Vannacht is het zover. Om precies middernacht verlaten de Britten de Europese Unie. Maar niet echt. Er volgt eerst nog een transitieperiode van elf maanden, waarin er eigenlijk niet zo heel veel verandert.
Wat er nu is geregeld is vooral politiek en juridisch van aard: er is een overeenkomst over de eindafrekening van de Britten, er is een grens bepaald tussen Ierland en Noord-Ierland (in de Ierse zee) en er gelden andere regels voor Britse burgers in de EU en EU-burgers in het VK. Ook doen de Britten niet meer mee aan de Europese instituties, zoals het Europees parlement.

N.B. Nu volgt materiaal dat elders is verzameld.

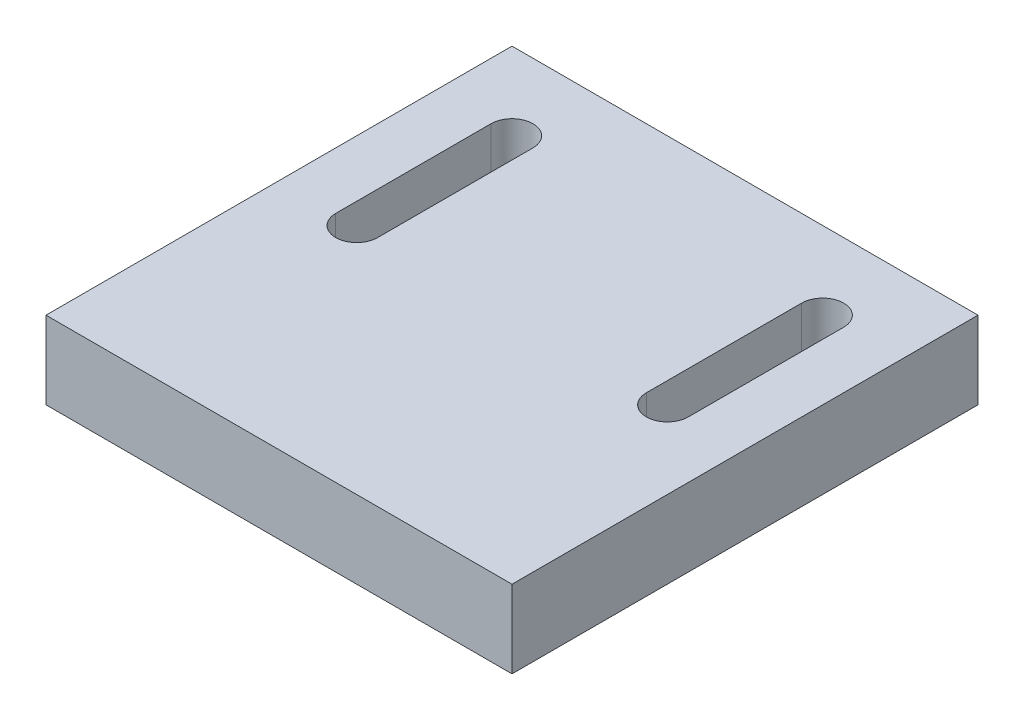
SolidWorks part; units mm, degrees
ref_plane "Front Plane" through (0, 0, 0) normal (0, 0, 1) x (1, 0, 0)
ref_plane "Top Plane" through (0, 0, 0) normal (0, 1, 0) x (1, 0, 0)
ref_plane "Right Plane" through (0, 0, 0) normal (1, 0, 0) x (0, 0, -1)
sketch "Sketch1" plane through (0, 0, 0) normal (0, 1, 0) x (1, 0, 0)
  line L1 (-30, 30) -> (30, 30)
  line L2 (-30, 30) -> (-30, -30)
  line L3 (-30, -30) -> (30, -30)
  line L4 (30, 30) -> (30, -30)
  line L5 (-30, 30) -> (30, -30) construction
  line L6 (-30, -30) -> (30, 30) construction
  point P0 (0, 0)
  dimension "D1" = 60
  dimension "D2" = 60
extrude "Boss-Extrude1" add sketch "Sketch1" along normal blind 10
sketch "Sketch2" plane through (0, 10, 0) normal (0, 1, 0) x (1, 0, 0)
  line L0 (20, 0) -> (20, 20) construction
  line L1 (17.3, 0) -> (17.3, 20)
  line L2 (22.7, 0) -> (22.7, 20)
  line L3 (30, 30) -> (-30, 30) construction
  arc A0 (17.3, 0) -> (22.7, 0) centre (20, 0) ccw
  arc A1 (22.7, 20) -> (17.3, 20) centre (20, 20) ccw
  point P2 (20, 10)
  dimension "D1" = 5.4
  dimension "D2" = 20
  dimension "D3" = 20
  dimension "D4" = 20
extrude "Cut-Extrude1" cut sketch "Sketch2" against normal through all
mirror "Mirror1" about plane through (0, 0, 0) normal (1, 0, 0) of "Cut-Extrude1"
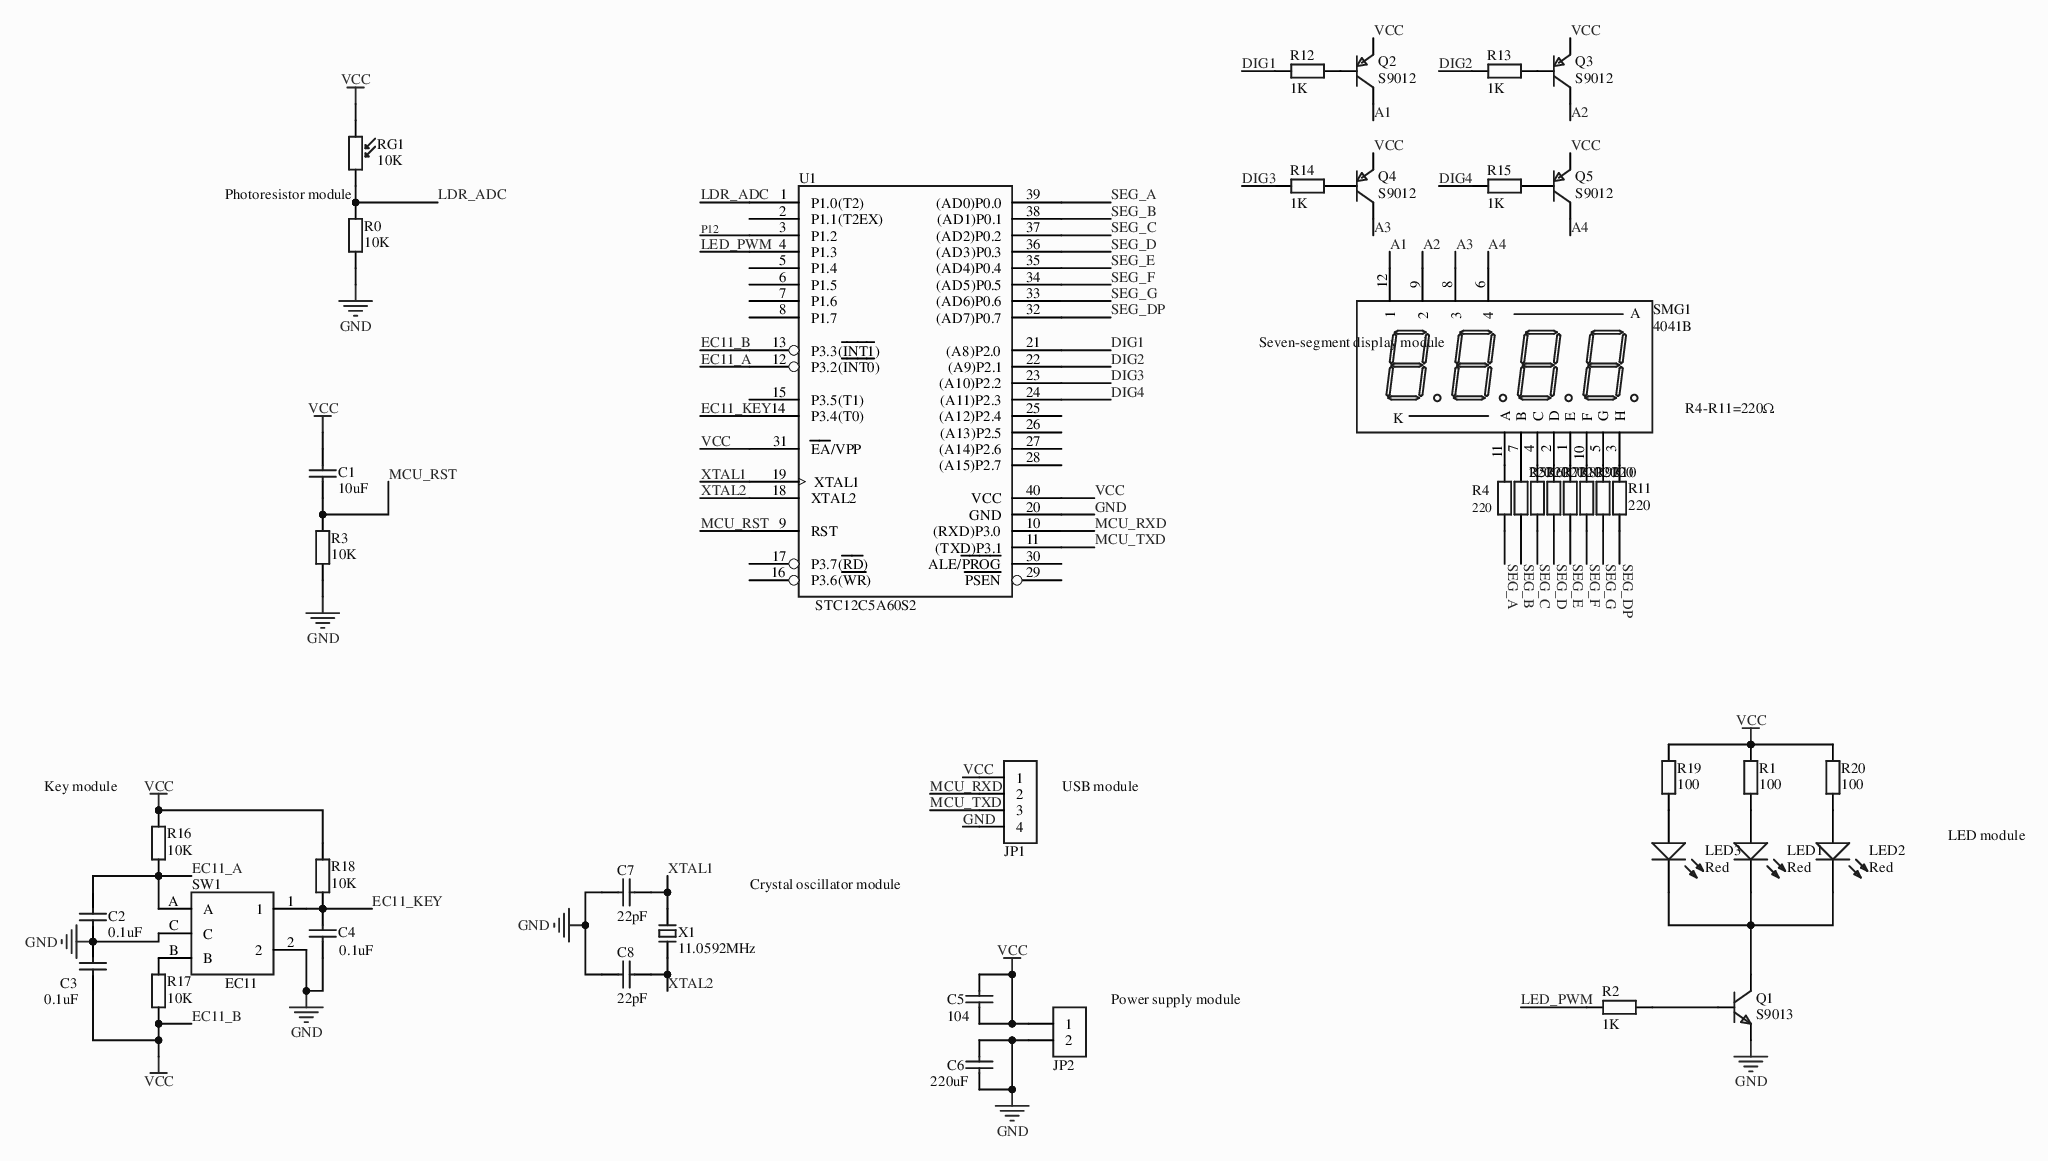
[diagram p0: MISC51984-3.schdoc]
# Altium project MISC51984-2.PrjPcb
1 sheet, 44 parts. Net scope: global (net labels, ports and power ports of the same name join across sheets).
Board file: MISC51984.pcbdoc

## Sheet MISC51984-3.schdoc
size 381 x 241 mm; SheetNumber: 1; SheetTotal: 1; Name: MISC51984

### Parts
C1  10uF  [C0805_L]
C2  0.1uF  [C0805_L]
C3  0.1uF  [C0805_L]
C4  0.1uF  [C0805_L]
C5  104  [CC 1.8*3.6]
C6  220uF  [C0805_L]
C7  22pF  [CC 1.8*3.6]
C8  22pF  [CC 1.8*3.6]
JP1  HDR-1X4  [XH2.54-LI-4P]  (value not drawn)
JP2  HDR-1X2  [XH2.54-LI-2P]  (value not drawn)
LED1  Red  [LED 3MM-B]
LED2  Red  [LED 3MM-B]
LED3  Red  [LED 3MM-B]
Q1  S9013  [TO92A]
Q2  S9012  [TO92A]
Q3  S9012  [TO92A]
Q4  S9012  [TO92A]
Q5  S9012  [TO92A]
R0  10K  [AXIAL0.4-1/4W]
R1  100  [AXIAL0.3-1/8W]
R2  1K  [AXIAL0.3-1/8W]
R3  10K  [AXIAL0.4-1/4W]
R4  220  [AXIAL0.4-1/4W]
R5  220  [AXIAL0.4-1/4W]
R6  220  [AXIAL0.4-1/4W]
R7  220  [AXIAL0.4-1/4W]
R8  220  [AXIAL0.4-1/4W]
R9  220  [AXIAL0.4-1/4W]
R10  220  [AXIAL0.4-1/4W]
R11  220  [AXIAL0.4-1/4W]
R12  1K  [AXIAL0.4-1/4W]
R13  1K  [AXIAL0.4-1/4W]
R14  1K  [AXIAL0.4-1/4W]
R15  1K  [AXIAL0.4-1/4W]
R16  10K  [AXIAL0.4-1/4W]
R17  10K  [AXIAL0.4-1/4W]
R18  10K  [AXIAL0.4-1/4W]
R19  100  [AXIAL0.3-1/8W]
R20  100  [AXIAL0.3-1/8W]
RG1  10K  [RG5528]
SMG1  4041B  [SMG 0.4-4P]
SW1  EC11  [EC11-B]
U1  STC12C5A60S2  [DIP-40]
X1  11.0592MHz  [HC-49S]

### Nets
VCC: C1.2 C3.1 C5.1 C5.2 JP1.1 JP2.1 Q2.1(E) Q3.1(E) Q4.1(E) Q5.1(E) R1.2 R16.2 R17.1 R18.2 R19.2 R20.2 RG1.1 U1.13(P3.3(~{INT1})) U1.31(~{EA}/VPP) U1.40(VCC)  [also labelled EC11_B]
GND: C2.1 C3.2 C4.1 C6.1 C6.2 C7.1 C8.1 JP1.4 JP2.2 Q1.1(E) R0.2 R3.2 SW1.2 SW1.C U1.20(GND)
A1: Q2.3(C) SMG1.12(1)
A2: Q3.3(C) SMG1.9(2)
A3: Q4.3(C) SMG1.8(3)
A4: Q5.3(C) SMG1.6(4)
DIG1: R12.1 U1.21((A8)P2.0)
DIG2: R13.1 U1.22((A9)P2.1)
DIG3: R14.1 U1.23((A10)P2.2)
DIG4: R15.1 U1.24((A11)P2.3)
EC11_A: C2.2 R16.1 SW1.A U1.12(P3.2(~{INT0}))
EC11_KEY: C4.2 R18.1 SW1.1 U1.14(P3.4(T0))
LDR_ADC: R0.1 RG1.2 U1.1(P1.0(T2))
LED_PWM: R2.1 U1.4(P1.3)
MCU_RST: C1.1 R3.1 U1.9(RST)
MCU_RXD: JP1.2 U1.10((RXD)P3.0)
MCU_TXD: JP1.3 U1.11((TXD)P3.1)
P12: U1.3(P1.2)
SEG_A: R4.2 U1.39((AD0)P0.0)
SEG_B: R5.1 U1.38((AD1)P0.1)
SEG_C: R6.1 U1.37((AD2)P0.2)
SEG_D: R7.1 U1.36((AD3)P0.3)
SEG_DP: R11.1 U1.32((AD7)P0.7)
SEG_E: R8.1 U1.35((AD4)P0.4)
SEG_F: R9.1 U1.34((AD5)P0.5)
SEG_G: R10.2 U1.33((AD6)P0.6)
XTAL1: C7.2 U1.19(XTAL1) X1.2
XTAL2: C8.2 U1.18(XTAL2) X1.1
NetLED1_1: LED1.1(A) R1.1
NetLED1_2: LED1.2(K) LED2.2(K) LED3.2(K) Q1.3(C)
NetLED2_1: LED2.1(A) R20.1
NetLED3_1: LED3.1(A) R19.1
NetQ1_2: Q1.2(B) R2.2
NetQ2_2: Q2.2(B) R12.2
NetQ3_2: Q3.2(B) R13.2
NetQ4_2: Q4.2(B) R14.2
NetQ5_2: Q5.2(B) R15.2
NetR4_1: R4.1 SMG1.11(A)
NetR5_2: R5.2 SMG1.7(B)
NetR6_2: R6.2 SMG1.4(C)
NetR7_2: R7.2 SMG1.2(D)
NetR8_2: R8.2 SMG1.1(E)
NetR9_2: R9.2 SMG1.10(F)
NetR10_1: R10.1 SMG1.5(G)
NetR11_2: R11.2 SMG1.3(H)
NetR17_2: R17.2 SW1.B

Not connected (* = marked no-connect by the designer): U1 2(P1.1(T2EX)) 5(P1.4) 6(P1.5) 7(P1.6) 8(P1.7) 15(P3.5(T1)) 16(P3.6(~{WR})) 17(P3.7(~{RD})) 25((A12)P2.4) 26((A13)P2.5) 27((A14)P2.6) 28((A15)P2.7) 29(~{PSEN}) 30(ALE/~{PROG})

### Notes on the sheet
- Photoresistor module
- (near SMG1) Seven-segment display module
- R4-R11=220Ω
- (near R16) Key module
- (near JP1) USB module
- LED module
- Crystal oscillator module
- (near JP2) Power supply module

### Library data of the parts
C1 = 10uF: SMD capacitor/MLCC; BOM名称: Non-polar SMD capacitor; 当前库版本V2022.12.25 @: 最新版本发布; Origin Footprint: C0201_L; OriginFootprint 2: C0402_L; OriginFootprint 3: C0603_L; OriginFootprint 4: C1206_L; OriginFootprint 5: C1210_L; OriginFootprint 6: C1808_L; OriginFootprint 7: C1812_L; OriginFootprint 8: C1825_L; OriginFootprint 9: C2225_L; OriginFootprint 10: C0201_M; OriginFootprint 11: C0402_M; OriginFootprint 12: C0603_M; OriginFootprint 13: C0805_M; OriginFootprint 14: C1206_M; OriginFootprint 15: C1210_M; OriginFootprint 16: C1808_M; OriginFootprint 17: C1812_M; OriginFootprint 18: C1825_M; OriginFootprint 19: C2225_M; OriginFootprint 20: C0201_NS; OriginFootprint 21: C0402_NS; OriginFootprint 22: C01005_NS; OriginFootprint 23: C0805_NS; OriginFootprint 24: C1206_NS; OriginFootprint 25: C1210_NS; OriginFootprint 26: C0603_NS; OriginFootprint 27: C0204_NS; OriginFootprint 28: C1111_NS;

Economisch verandert er echter niet veel. De komende elf maanden geniet het Verenigd Koninkrijk nog gewoon van de voordelen van de interne Europese markt. Wat er daarna gebeurt, is afwachten. De EU staat open voor verlenging van de transitiefase en als er geen oplossing komt zal premier Boris Johnson daar wellicht mee akkoord gaan.
Johnson staat voor een dilemma: een harde Brexit zonder handelsdeal kost het Verenigd Koninkrijk het komende decennium
120 miljard pond per jaar, maar binnen elf maanden tot een deal komen, die beter uitpakt voor de Britse economie, lijkt ook niet haalbaar. Uitstellen kan, maar dan is van een echte Brexit geen sprake en zal de kiezer Johnson wellicht afrekenen op het gebrek aan resultaat.